Antibiotic resistance is a growing global health concern. Antibiotic-resistant bacterial infections reportedly caused an estimated 1.3 million deaths globally in 2019 alone. Researchers at the Baylor College of Medicine have been examining the mechanism that fuels antibiotic resistance at the molecular level to help find a solution.
They document important and unexpected initial steps that support resistance to ciprofloxacin, also known as cipro, one of the most frequently given antibiotics, in the journal Molecular Cell. Co-corresponding author Dr. Susan M Rosenberg, Ben F Love Chair in Cancer Research and professor of molecular and human genetics, biochemistry and molecular biology and molecular virology and microbiology at Baylor, said, “Previous work in our lab has shown that when bacteria are exposed to a stressful environment, such as the presence of cipro, they initiate a series of responses to attempt to survive the toxic effect of the antibiotic.”
Rosenberg, also program leader in Baylor’s Dan L Duncan Comprehensive Cancer Centre (DLDCCC), said, “We discovered that cipro triggers cellular stress responses that promote mutations. This phenomenon, known as stress-induced mutagenesis, generates mutant bacteria, some of which are resistant to cipro. Cipro-resistant mutants keep on growing, sustaining an infection that can no longer be eliminated with cipro.”
Cipro induces breaks in the DNA molecule, accumulating inside bacteria and consequently triggering a DNA damage response to repair the breaks. The lab’s discoveries of the steps involved in stress-induced mutagenesis revealed that two stress responses are essential - the general stress response and the DNA-damage response.
First author Dr. Yin Zhai, a postdoctoral associate in the Rosenberg lab, said, “We were surprised to find an unexpected molecule involved in modulating DNA repair. Usually, cells regulate their activities by producing specific proteins that mediate the desired function. But in this case, the first step to turn on the DNA repair response was not about activating certain genes that produce certain proteins.”
They said, “We discovered that RNA polymerase also plays a major role in regulating DNA repair. A small molecule called nucleotide ppGpp, which is present in bacteria exposed to a stressful environment, binds to RNA polymerase through two separate sites that are essential for turning on the repair response and the general stress response. Interfering with one of these sites turn off DNA repair specifically at the DNA sequences occupied by RNA polymerase.”

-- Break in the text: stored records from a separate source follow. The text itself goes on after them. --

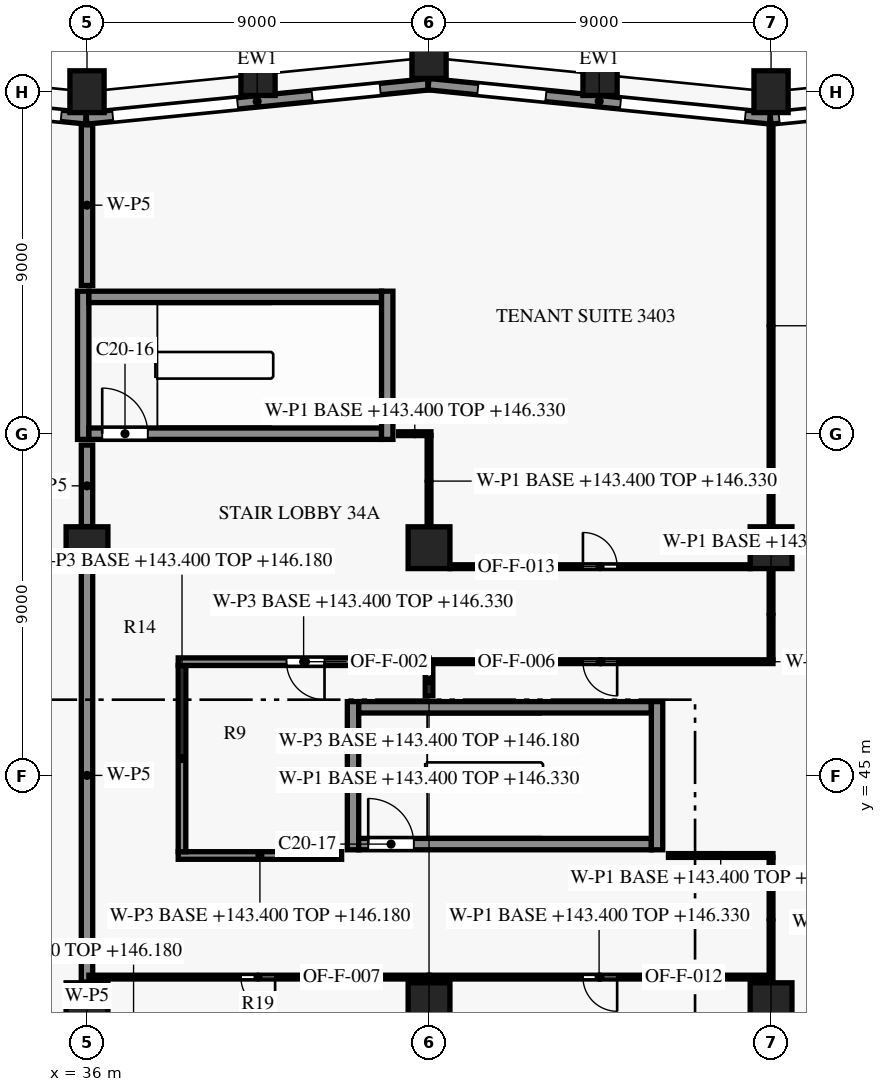
"""IFC4 building model, lengths in metres.
Left out: names, types, materials, properties, quantities, classifications, styles, units other than length and angle.
Written with IfcOpenShell. Run it as: python <this file> out.ifc"""

import sys

from ifc_helpers import new_model, si_unit, direction, frame, frame_2d, origin, origin_2d, place, context, subcontext, project, spatial, rectangle, extrude, element, fill, save


model = new_model("IFC4")
c1 = context("Model", 3, precision=1e-05, world=origin(), true_north=direction((0.0, 1.0)))
c2 = subcontext(c1, "Body", "Model", "MODEL_VIEW")
j1 = project(units=[si_unit("LENGTHUNIT", "METRE"), si_unit("PLANEANGLEUNIT", "RADIAN")], contexts=[c1])
p1 = place(None, origin())
s1 = spatial("IfcSite", under=j1, at=p1, CompositionType="ELEMENT")
p2 = place(p1, origin())
s2 = spatial("IfcBuilding", under=s1, at=p2, CompositionType="ELEMENT")
p3 = place(p2, frame((0.0, 0.0, 143.4)))
s3 = spatial("IfcBuildingStorey", under=s2, at=p3, CompositionType="ELEMENT", Elevation=143.4)
for number, where, z_axis, x_axis in (
    (1, (54.0, 63.0, 0.0), (0.0, 0.0, 1.0), (-1.0, 0.0, 0.0)),
    (2, (49.5, 63.45, 0.0), (0.0, 0.0, 1.0), (-0.995, 0.1, 0.0)),
    (3, (45.0, 63.9, 0.0), (0.0, 0.0, 1.0), (-1.0, 0.0, 0.0)),
    (4, (40.5, 63.45, 0.0), (0.0, 0.0, 1.0), (-0.995, -0.1, 0.0)),
    (5, (36.0, 63.0, 0.0), (0.0, 0.0, 1.0), (-1.0, 0.0, 0.0)),
):
    element("IfcColumn", number, at=place(p3, frame(where, z_axis=z_axis, x_axis=x_axis)), inside=s3, PredefinedType="COLUMN", context=c2, shape_type="SweptSolid", body=[
        extrude(rectangle(XDim=0.9, YDim=1.1, at=origin_2d()), origin(), (0.0, 0.0, 1.0), 3.8),
    ])
for number, where, z_axis, x_axis in (
    (6, (36.0, 39.0, 0.0), (0.0, 0.0, 1.0), (1.0, 0.0, 0.0)),
    (7, (36.0, 51.0, 0.0), (0.0, 0.0, 1.0), (1.0, 0.0, 0.0)),
    (8, (45.0, 39.0, 0.0), (0.0, 0.0, 1.0), (1.0, 0.0, 0.0)),
    (9, (45.0, 51.0, 0.0), (0.0, 0.0, 1.0), (1.0, 0.0, 0.0)),
    (10, (54.0, 39.0, 0.0), (0.0, 0.0, 1.0), (1.0, 0.0, 0.0)),
    (11, (54.0, 51.0, 0.0), (0.0, 0.0, 1.0), (1.0, 0.0, 0.0)),
):
    element("IfcColumn", number, at=place(p3, frame(where, z_axis=z_axis, x_axis=x_axis)), inside=s3, PredefinedType="COLUMN", context=c2, shape_type="SweptSolid", body=[
        extrude(rectangle(XDim=1.1, YDim=1.1, at=origin_2d()), origin(), (0.0, 0.0, 1.0), 3.8),
    ])
p4 = place(p3, frame((53.985, 62.295, 0.0), z_axis=(0.0, 0.0, 1.0), x_axis=(0.99503719021, 0.099503719021, 0.0)))
e12 = element("IfcWall", 12, at=p4, inside=s3, PredefinedType="SOLIDWALL", context=c2, shape_type="SweptSolid", body=[
    extrude(rectangle(XDim=3.678, YDim=0.3, at=frame_2d((1.839, 0.0))), origin(), (0.0, 0.0, 1.0), 3.15),
])
p5 = place(p4, frame((0.228, 0.0, 0.15)))
e13 = element("IfcOpeningElement", 13, at=p5, cuts=e12, PredefinedType="OPENING", context=c2, shape_type="SweptSolid", body=[
    extrude(rectangle(XDim=3.3, YDim=2.4, at=frame_2d((1.65, 1.2))), frame((0.0, 0.16, 0.0), z_axis=(0.0, -1.0, 0.0), x_axis=(1.0, 0.0, 0.0)), (0.0, 0.0, 1.0), 0.32),
])
p6 = place(p3, frame((44.985, 63.198, 0.0), z_axis=(0.0, 0.0, 1.0), x_axis=(0.995037993253, -0.099495688264, 0.0)))
e14 = element("IfcWall", 14, at=p6, inside=s3, PredefinedType="SOLIDWALL", context=c2, shape_type="SweptSolid", body=[
    extrude(rectangle(XDim=9.03, YDim=0.3, at=frame_2d((4.515, 0.0))), origin(), (0.0, 0.0, 1.0), 3.15),
])
p7 = place(p6, frame((1.306, 0.0, 0.75)))
e15 = element("IfcOpeningElement", 15, at=p7, cuts=e14, PredefinedType="OPENING", context=c2, shape_type="SweptSolid", body=[
    extrude(rectangle(XDim=1.8, YDim=1.8, at=frame_2d((0.9, 0.9))), frame((0.0, 0.16, 0.0), z_axis=(0.0, -1.0, 0.0), x_axis=(1.0, 0.0, 0.0)), (0.0, 0.0, 1.0), 0.32),
])
p8 = place(p6, frame((5.079, 0.0, 0.15)))
e16 = element("IfcOpeningElement", 16, at=p8, cuts=e14, PredefinedType="OPENING", context=c2, shape_type="SweptSolid", body=[
    extrude(rectangle(XDim=3.3, YDim=2.4, at=frame_2d((1.65, 1.2))), frame((0.0, 0.16, 0.0), z_axis=(0.0, -1.0, 0.0), x_axis=(1.0, 0.0, 0.0)), (0.0, 0.0, 1.0), 0.32),
])
p9 = place(p3, frame((35.985, 62.295, 0.0), z_axis=(0.0, 0.0, 1.0), x_axis=(0.995035316196, 0.099522457379, 0.0)))
e17 = element("IfcWall", 17, at=p9, inside=s3, PredefinedType="SOLIDWALL", context=c2, shape_type="SweptSolid", body=[
    extrude(rectangle(XDim=9.03, YDim=0.3, at=frame_2d((4.515, 0.0))), origin(), (0.0, 0.0, 1.0), 3.15),
])
p10 = place(p9, frame((0.696, 0.0, 0.15)))
e18 = element("IfcOpeningElement", 18, at=p10, cuts=e17, PredefinedType="OPENING", context=c2, shape_type="SweptSolid", body=[
    extrude(rectangle(XDim=3.3, YDim=2.4, at=frame_2d((1.65, 1.2))), frame((0.0, 0.16, 0.0), z_axis=(0.0, -1.0, 0.0), x_axis=(1.0, 0.0, 0.0)), (0.0, 0.0, 1.0), 0.32),
])
p11 = place(p9, frame((5.969, 0.0, 0.75)))
e19 = element("IfcOpeningElement", 19, at=p11, cuts=e17, PredefinedType="OPENING", context=c2, shape_type="SweptSolid", body=[
    extrude(rectangle(XDim=1.8, YDim=1.8, at=frame_2d((0.9, 0.9))), frame((0.0, 0.16, 0.0), z_axis=(0.0, -1.0, 0.0), x_axis=(1.0, 0.0, 0.0)), (0.0, 0.0, 1.0), 0.32),
])
p12 = place(p3, frame((27.08, 63.189, 0.0), z_axis=(0.0, 0.0, 1.0), x_axis=(0.995036108007, -0.099514540459, 0.0)))
e20 = element("IfcWall", 20, at=p12, inside=s3, PredefinedType="SOLIDWALL", context=c2, shape_type="SweptSolid", body=[
    extrude(rectangle(XDim=8.935, YDim=0.3, at=frame_2d((4.468, 0.0))), origin(), (0.0, 0.0, 1.0), 3.15),
])
p13 = place(p12, frame((1.211, 0.0, 0.75)))
e21 = element("IfcOpeningElement", 21, at=p13, cuts=e20, PredefinedType="OPENING", context=c2, shape_type="SweptSolid", body=[
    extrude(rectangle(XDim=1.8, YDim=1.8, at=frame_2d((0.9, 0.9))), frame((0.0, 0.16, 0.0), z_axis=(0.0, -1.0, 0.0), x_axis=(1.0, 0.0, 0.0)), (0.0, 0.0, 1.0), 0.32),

"We are excited about these findings," Rosenberg said. "They open new opportunities to design strategies that would interfere with the development of antibiotic resistance and help turn the tide on this global health threat. Also, cipro breaks bacterial DNA in the same way that the anti-cancer drug etoposide breaks human DNA in tumours. We hope this may additionally lead to new tools to combat cancer chemotherapy resistance.”